Sebelumnya, Komisioner Komisi Perlindungan Anak Indonesia (KPAI) Bidang Pendidikan, Retno Listyarti memandang pendidikan agama di sekolah tidak perlu dihapuskan, tetapi sebaiknya metode pembelajarannya diubah.

Sebelumnya praktisi pendidikan Setyono Djuandi Darmono menganjurkan agar pendidikan agama di sekolah dihapuskan.

"KPAI menyayangkan polemik penghapusan pelajaran agama di sekolah atas usulan seseorang yang bernama Darmono yang dimuat dalam salah satu media online telah membuat situasi memanas," kata Retno di Jakarta, (8/7/2019).

"Padahal, sepanjang pengawasan KPAI, pemerintah pusat melalui Lukman Hakim selaku Menteri Agama dan Muhajir Efendi selaku Menteri Pendidikan dan Kebudayaan RI telah beberapa kali memberikan pernyataan resmi bahwa pemerintah tidak akan menghapus pelajaran agama di sekolah," sambungnya.
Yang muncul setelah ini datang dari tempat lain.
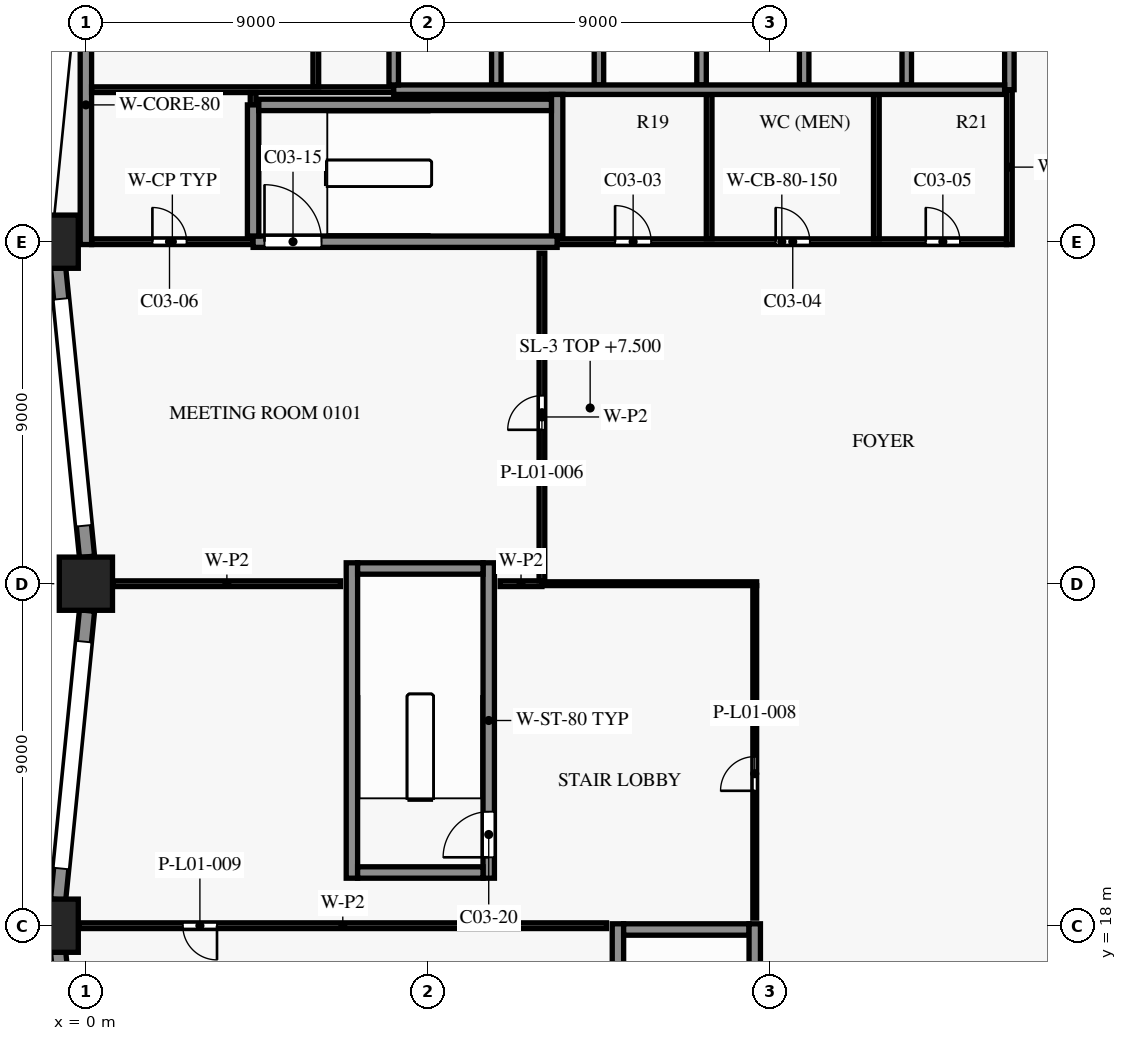
"""IFC4 building model, lengths in metres.
Left out: names, types, materials, properties, quantities, classifications, styles, units other than length and angle.
Written with IfcOpenShell. Run it as: python <this file> out.ifc"""

import sys

from ifc_helpers import new_model, si_unit, direction, frame, frame_2d, origin, origin_2d, place, context, subcontext, project, spatial, rectangle, extrude, element, fill, save


model = new_model("IFC4")
c1 = context("Model", 3, precision=1e-05, world=origin(), true_north=direction((0.0, 1.0)))
c2 = subcontext(c1, "Body", "Model", "MODEL_VIEW")
j1 = project(units=[si_unit("LENGTHUNIT", "METRE"), si_unit("PLANEANGLEUNIT", "RADIAN")], contexts=[c1])
p1 = place(None, origin())
s1 = spatial("IfcSite", under=j1, at=p1, CompositionType="ELEMENT")
p2 = place(p1, origin())
s2 = spatial("IfcBuilding", under=s1, at=p2, CompositionType="ELEMENT")
p3 = place(p2, frame((0.0, 0.0, 7.5)))
s3 = spatial("IfcBuildingStorey", under=s2, at=p3, CompositionType="ELEMENT", Elevation=7.5)
for number, where, z_axis, x_axis in (
    (1, (-0.9, 36.0, 0.0), (0.0, 0.0, 1.0), (1.0, 0.0, 0.0)),
    (2, (0.0, 27.0, 0.0), (0.0, 0.0, 1.0), (1.0, 0.0, 0.0)),
    (3, (-0.9, 18.0, 0.0), (0.0, 0.0, 1.0), (1.0, 0.0, 0.0)),
):
    element("IfcColumn", number, at=place(p3, frame(where, z_axis=z_axis, x_axis=x_axis)), inside=s3, PredefinedType="COLUMN", context=c2, shape_type="SweptSolid", body=[
        extrude(rectangle(XDim=1.4, YDim=1.4, at=origin_2d()), origin(), (0.0, 0.0, 1.0), 7.0),
    ])
p4 = place(p3, frame((0.03, 27.707, 0.0), z_axis=(0.0, 0.0, 1.0), x_axis=(-0.099478423711, 0.995039719416, 0.0)))
e4 = element("IfcWall", 4, at=p4, inside=s3, PredefinedType="SOLIDWALL", context=c2, shape_type="SweptSolid", body=[
    extrude(rectangle(XDim=7.645, YDim=0.4, at=frame_2d((3.822, 0.0))), origin(), (0.0, 0.0, 1.0), 6.1),
])
p5 = place(p4, frame((0.823, 0.0, 0.9)))
e5 = element("IfcOpeningElement", 5, at=p5, cuts=e4, PredefinedType="OPENING", context=c2, shape_type="SweptSolid", body=[
    extrude(rectangle(XDim=6.0, YDim=1.8, at=frame_2d((3.0, 0.9))), frame((0.0, 0.21, 0.0), z_axis=(0.0, -1.0, 0.0), x_axis=(1.0, 0.0, 0.0)), (0.0, 0.0, 1.0), 0.42),
])
p6 = place(p3, frame((-0.731, 18.687, 0.0), z_axis=(0.0, 0.0, 1.0), x_axis=(0.099478423711, 0.995039719416, 0.0)))
e6 = element("IfcWall", 6, at=p6, inside=s3, PredefinedType="SOLIDWALL", context=c2, shape_type="SweptSolid", body=[
    extrude(rectangle(XDim=7.645, YDim=0.4, at=frame_2d((3.822, 0.0))), origin(), (0.0, 0.0, 1.0), 6.1),
])
p7 = place(p6, frame((0.823, 0.0, 0.9)))
e7 = element("IfcOpeningElement", 7, at=p7, cuts=e6, PredefinedType="OPENING", context=c2, shape_type="SweptSolid", body=[
    extrude(rectangle(XDim=6.0, YDim=1.8, at=frame_2d((3.0, 0.9))), frame((0.0, 0.21, 0.0), z_axis=(0.0, -1.0, 0.0), x_axis=(1.0, 0.0, 0.0)), (0.0, 0.0, 1.0), 0.42),
])
p8 = place(p3, frame((0.03, 9.707, 0.0), z_axis=(0.0, 0.0, 1.0), x_axis=(-0.099478423711, 0.995039719416, 0.0)))
e8 = element("IfcWall", 8, at=p8, inside=s3, PredefinedType="SOLIDWALL", context=c2, shape_type="SweptSolid", body=[
    extrude(rectangle(XDim=7.645, YDim=0.4, at=frame_2d((3.822, 0.0))), origin(), (0.0, 0.0, 1.0), 6.1),
])
p9 = place(p8, frame((0.823, 0.0, 0.9)))
e9 = element("IfcOpeningElement", 9, at=p9, cuts=e8, PredefinedType="OPENING", context=c2, shape_type="SweptSolid", body=[
    extrude(rectangle(XDim=6.0, YDim=1.8, at=frame_2d((3.0, 0.9))), frame((0.0, 0.21, 0.0), z_axis=(0.0, -1.0, 0.0), x_axis=(1.0, 0.0, 0.0)), (0.0, 0.0, 1.0), 0.42),
])
for number, where, z_axis, x_axis in (
    (10, (14.15, 17.9, 0.0), (0.0, 0.0, 1.0), (1.0, 0.0, 0.0)),
    (11, (7.15, 19.4, 0.0), (0.0, 0.0, 1.0), (1.0, 0.0, 0.0)),
    (12, (7.15, 27.4, 0.0), (0.0, 0.0, 1.0), (1.0, 0.0, 0.0)),
):
    element("IfcWall", number, at=place(p3, frame(where, z_axis=z_axis, x_axis=x_axis)), inside=s3, PredefinedType="SHEAR", context=c2, shape_type="SweptSolid", body=[
        extrude(rectangle(XDim=3.3, YDim=0.3, at=frame_2d((1.65, 0.0))), origin(), (0.0, 0.0, 1.0), 6.7),
    ])
p10 = place(p3, frame((0.15, 36.0, 0.0), z_axis=(0.0, 0.0, 1.0), x_axis=(1.0, 0.0, 0.0)))
e13 = element("IfcWall", 13, at=p10, inside=s3, PredefinedType="PARTITIONING", context=c2, shape_type="SweptSolid", body=[
    extrude(rectangle(XDim=4.25, YDim=0.15, at=frame_2d((2.125, 0.0))), origin(), (0.0, 0.0, 1.0), 6.7),
])
p11 = place(p10, frame((1.6, 0.0, 0.0)))
e14 = element("IfcOpeningElement", 14, at=p11, cuts=e13, PredefinedType="OPENING", context=c2, shape_type="SweptSolid", body=[
    extrude(rectangle(XDim=0.9, YDim=2.1, at=frame_2d((0.45, 1.05))), frame((0.0, 0.085, 0.0), z_axis=(0.0, -1.0, 0.0), x_axis=(1.0, 0.0, 0.0)), (0.0, 0.0, 1.0), 0.17),
])
p12 = place(p3, frame((12.4, 36.0, 0.0), z_axis=(0.0, 0.0, 1.0), x_axis=(1.0, 0.0, 0.0)))
e15 = element("IfcWall", 15, at=p12, inside=s3, PredefinedType="SHEAR", context=c2, shape_type="SweptSolid", body=[
    extrude(rectangle(XDim=11.825, YDim=0.15, at=frame_2d((5.913, 0.0))), origin(), (0.0, 0.0, 1.0), 6.7),
])
p13 = place(p12, frame((1.525, 0.0, 0.0)))
e16 = element("IfcOpeningElement", 16, at=p13, cuts=e15, PredefinedType="OPENING", context=c2, shape_type="SweptSolid", body=[
    extrude(rectangle(XDim=0.95, YDim=2.1, at=frame_2d((0.475, 1.05))), frame((0.0, 0.085, 0.0), z_axis=(0.0, -1.0, 0.0), x_axis=(1.0, 0.0, 0.0)), (0.0, 0.0, 1.0), 0.17),
])
p14 = place(p12, frame((5.75, 0.0, 0.0)))
e17 = element("IfcOpeningElement", 17, at=p14, cuts=e15, PredefinedType="OPENING", context=c2, shape_type="SweptSolid", body=[
    extrude(rectangle(XDim=0.9, YDim=2.1, at=frame_2d((0.45, 1.05))), frame((0.0, 0.085, 0.0), z_axis=(0.0, -1.0, 0.0), x_axis=(1.0, 0.0, 0.0)), (0.0, 0.0, 1.0), 0.17),
])
p15 = place(p12, frame((9.7, 0.0, 0.0)))
e18 = element("IfcOpeningElement", 18, at=p15, cuts=e15, PredefinedType="OPENING", context=c2, shape_type="SweptSolid", body=[
    extrude(rectangle(XDim=0.9, YDim=2.1, at=frame_2d((0.45, 1.05))), frame((0.0, 0.085, 0.0), z_axis=(0.0, -1.0, 0.0), x_axis=(1.0, 0.0, 0.0)), (0.0, 0.0, 1.0), 0.17),
])
p16 = place(p3, frame((4.4, 36.0, 0.0), z_axis=(0.0, 0.0, 1.0), x_axis=(1.0, 0.0, 0.0)))
e19 = element("IfcWall", 19, at=p16, inside=s3, PredefinedType="SHEAR", context=c2, shape_type="SweptSolid", body=[
    extrude(rectangle(XDim=8.0, YDim=0.3, at=frame_2d((4.0, 0.0))), origin(), (0.0, 0.0, 1.0), 6.7),
])
p17 = place(p16, frame((0.3, 0.0, 0.0)))
e20 = element("IfcOpeningElement", 20, at=p17, cuts=e19, PredefinedType="OPENING", context=c2, shape_type="SweptSolid", body=[
    extrude(rectangle(XDim=1.5, YDim=2.2, at=frame_2d((0.75, 1.1))), frame((0.0, 0.16, 0.0), z_axis=(0.0, -1.0, 0.0), x_axis=(1.0, 0.0, 0.0)), (0.0, 0.0, 1.0), 0.32),
])
p18 = place(p3, frame((4.55, 39.6, 0.0), z_axis=(0.0, 0.0, 1.0), x_axis=(1.0, 0.0, 0.0)))
e21 = element("IfcWall", 21, at=p18, inside=s3, PredefinedType="SHEAR", context=c2, shape_type="SweptSolid", body=[
    extrude(rectangle(XDim=7.7, YDim=0.3, at=frame_2d((3.85, 0.0))), origin(), (0.0, 0.0, 1.0), 6.7),
])
p19 = place(p3, frame((0.15, 40.0, 0.0), z_axis=(0.0, 0.0, 1.0), x_axis=(1.0, 0.0, 0.0)))
e22 = element("IfcWall", 22, at=p19, inside=s3, PredefinedType="PARTITIONING", context=c2, shape_type="SweptSolid", body=[
    extrude(rectangle(XDim=7.95, YDim=0.15, at=frame_2d((3.975, 0.0))), origin(), (0.0, 0.0, 1.0), 6.7),
])
p20 = place(p3, frame((8.1, 40.0, 0.0), z_axis=(0.0, 0.0, 1.0), x_axis=(1.0, 0.0, 0.0)))
e23 = element("IfcWall", 23, at=p20, inside=s3, PredefinedType="SHEAR", context=c2, shape_type="SweptSolid", body=[
    extrude(rectangle(XDim=16.075, YDim=0.25, at=frame_2d((8.038, 0.0))), origin(), (0.0, 0.0, 1.0), 6.7),
])
p21 = place(p3, frame((0.0, 35.925, 0.0), z_axis=(0.0, 0.0, 1.0), x_axis=(0.0, 1.0, 0.0)))
e24 = element("IfcWall", 24, at=p21, inside=s3, PredefinedType="SHEAR", context=c2, shape_type="SweptSolid", body=[
    extrude(rectangle(XDim=7.35, YDim=0.3, at=frame_2d((3.675, 0.0))), origin(), (0.0, 0.0, 1.0), 6.7),
])
p22 = place(p3, frame((4.4, 39.6, 0.0), z_axis=(0.0, 0.0, 1.0), x_axis=(0.0, 1.0, 0.0)))
e25 = element("IfcWall", 25, at=p22, inside=s3, PredefinedType="PARTITIONING", context=c2, shape_type="SweptSolid", body=[
    extrude(rectangle(XDim=0.325, YDim=0.15, at=frame_2d((0.163, 0.0))), origin(), (0.0, 0.0, 1.0), 6.7),
])
p23 = place(p3, frame((4.4, 36.15, 0.0), z_axis=(0.0, 0.0, 1.0), x_axis=(0.0, 1.0, 0.0)))
e26 = element("IfcWall", 26, at=p23, inside=s3, PredefinedType="SHEAR", context=c2, shape_type="SweptSolid", body=[
    extrude(rectangle(XDim=3.45, YDim=0.3, at=frame_2d((1.725, 0.0))), origin(), (0.0, 0.0, 1.0), 6.7),
])
p24 = place(p3, frame((6.05, 40.075, 0.0), z_axis=(0.0, 0.0, 1.0), x_axis=(0.0, 1.0, 0.0)))
e27 = element("IfcWall", 27, at=p24, inside=s3, PredefinedType="PARTITIONING", context=c2, shape_type="SweptSolid", body=[
    extrude(rectangle(XDim=3.05, YDim=0.15, at=frame_2d((1.525, 0.0))), origin(), (0.0, 0.0, 1.0), 6.7),
])
p25 = place(p3, frame((7.0, 19.25, 0.0), z_axis=(0.0, 0.0, 1.0), x_axis=(0.0, 1.0, 0.0)))
e28 = element("IfcWall", 28, at=p25, inside=s3, PredefinedType="SHEAR", context=c2, shape_type="SweptSolid", body=[
    extrude(rectangle(XDim=8.3, YDim=0.3, at=frame_2d((4.15, 0.0))), origin(), (0.0, 0.0, 1.0), 6.7),
])
p26 = place(p3, frame((8.1, 40.125, 0.0), z_axis=(0.0, 0.0, 1.0), x_axis=(0.0, 1.0, 0.0)))
e29 = element("IfcWall", 29, at=p26, inside=s3, PredefinedType="SHEAR", context=c2, shape_type="SweptSolid", body=[
    extrude(rectangle(XDim=2.95, YDim=0.25, at=frame_2d((1.475, 0.0))), origin(), (0.0, 0.0, 1.0), 6.7),
])
p27 = place(p3, frame((10.6, 19.25, 0.0), z_axis=(0.0, 0.0, 1.0), x_axis=(0.0, 1.0, 0.0)))
e30 = element("IfcWall", 30, at=p27, inside=s3, PredefinedType="SHEAR", context=c2, shape_type="SweptSolid", body=[
    extrude(rectangle(XDim=8.3, YDim=0.3, at=frame_2d((4.15, 0.0))), origin(), (0.0, 0.0, 1.0), 6.7),
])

Usulan Darmono soal penghapusan pendidikan agama di sekolah bukanlah tanpa dasar. Menurutnya saat ini pendidikan agama di sekolah malah dimanfaatkan untuk alat politik. Pendidikan yang seharusnya memberikan ilmu tentang persatuan bangsa sedari dini, malah dikhawatirkan Darmono malah berujung dengan radikalisme. Hal itu lantaran adanya perbedaan pemberian pendidikan agama sesuai dengan agama masing-masing, sehingga seolah-olah agama itu menjadi identitas.

Mengungkit soal pendidikan agama di sekolah yang dikritisi Darmono, Retno melihat pandangan Darmono itu artinya pendidikan agama yang ada di Indonesia, yakni Islam, Kristen, Katolik, Hindu, Budha dan Konghucu.

Retno menganggap pendidikan agama di Indonesia memang hanya difokuskan kepada persoalan teoritis namun kurang dalam mengimplementasikan ke dalam makna atau arti yang bisa dipraktikan oleh murid pada lingkungan sehari-hari.

Meskipun pada Kurikulum 2013, guru dituntut untuk bisa melakukan proses pembelajaran dengan prinsip mengingat, memahami, menerapkan, menganalisis dan mencipta (5M), namun pada eksekusinya nyaris belum ada penerapan yang bisa diamalkan para murid.

"Dalam proses pembelajaran, peserta didik kurang didorong untuk mengembangkan kemampuan berpikir, proses pembelajaran di kelas lebih diarahkan kepada menghafal informasi," ujarnya.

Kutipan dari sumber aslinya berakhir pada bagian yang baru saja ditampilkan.